As stated before, a final IEP or placement decision cannot be made before the meeting and cannot be made by someone who is not part of the IEP Team. Only the IEP Team can make final placement decisions based upon the needs of the student, regardless of what the Special Education Coordinator may have predetermined.

“Oh, how I wish we could offer 30 minutes per day of Occupational Therapy to Anna because she really needs it, but we can’t provide that much. We are short on staff because of COVID and we’re lucky to be able to offer 30 minutes per week.”

Even in time of crisis and personnel shortages due to COVID circumstances, IEP recommendations must be based upon the individual educational needs of a student rather than what services are or are not available within the school district. If an IEP cannot be implemented because of lack of staff, the IEP Team will need to discuss the fact that compensatory services may need to be determined for any educational benefit lost due to personnel shortages.

“Our preschool program is a half-day program provided four days per week for everyone.”

IEP recommendations for services must be individualized for each student with a disability. “Cookie-cutter” recommendations should be avoided.

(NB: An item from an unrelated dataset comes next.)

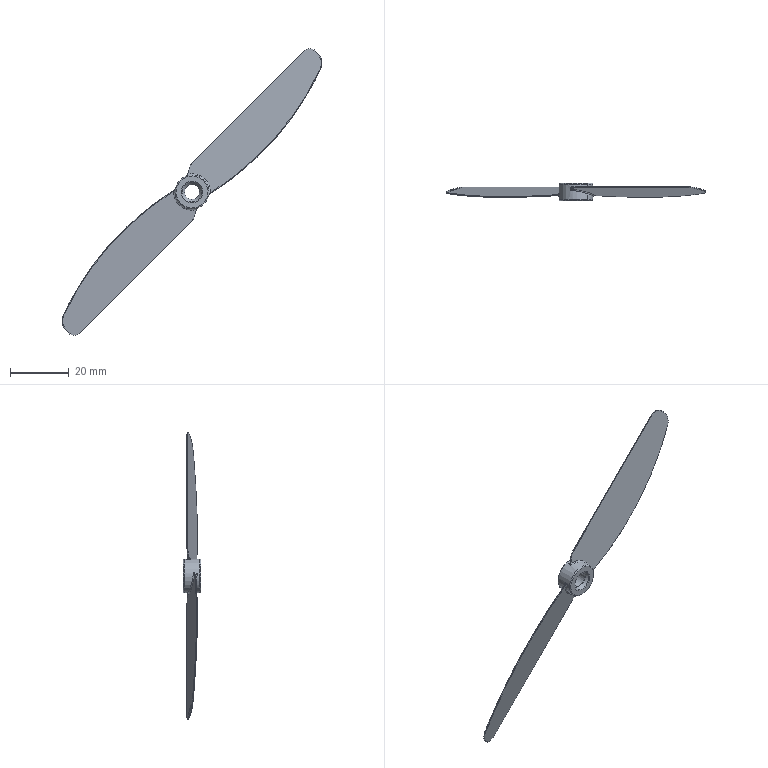Component | SolidWorks | 9.P-1 | 1 solid | 102 faces | box 88.15 x 6 x 97.34 mm | volume 933 mm3 | spline 30 | torus 24 | cylinder 22 | plane 22 | cone 4 | commonest cylinder face diameters 0.2 x12 10 x4 5 x2 11.5 x2 6 x2

“Now that we have identified needs and established IEP goals and services, let’s address where the services will be provided. Does everyone agree that Stewart should be in the special education class full time next year?”

There is a presumption under the law that all students with disabilities will be served in the regular classroom. For that reason, IEP Teams must first consider regular classroom placement with supplementary aids and services before considering more restrictive placements. Courts expect IEPs and/or other relevant documentation to clearly and specifically reflect the options considered on the continuum of alternative placements and why less restrictive options are rejected.

“Of course we have Extended School Year services. All students can participate in our summer school program.”

IDEA regulations specifically require IEP Teams to consider the provision of Extended School Year (ESY) services to all students with disabilities. However, ESY is not the same as summer school and in implementing ESY programs, a school district cannot limit ESY services to particular categories of disability or unilaterally limit the type, amount, or duration of the services. Rather, individualized decisions must be made as to ESY eligibility and services in accordance with school district procedures and Alabama’s special education rules.

“Sorry I’m an hour late, but the principal just told me that I needed to be here because I’m the only regular education teacher left in the building. Can I sign and go now?”

The IDEA is clear that not less than one regular education teacher of the student must be present at all IEP meetings (and for the entire meeting) if the student is or may be participating in the regular education environment. As a member of the IEP Team, it is expected that the regular education teacher will participate in, among other things, consideration of what supports the student may need for appropriate regular education participation, unless the teacher has been formally excused in accordance with an allowable process.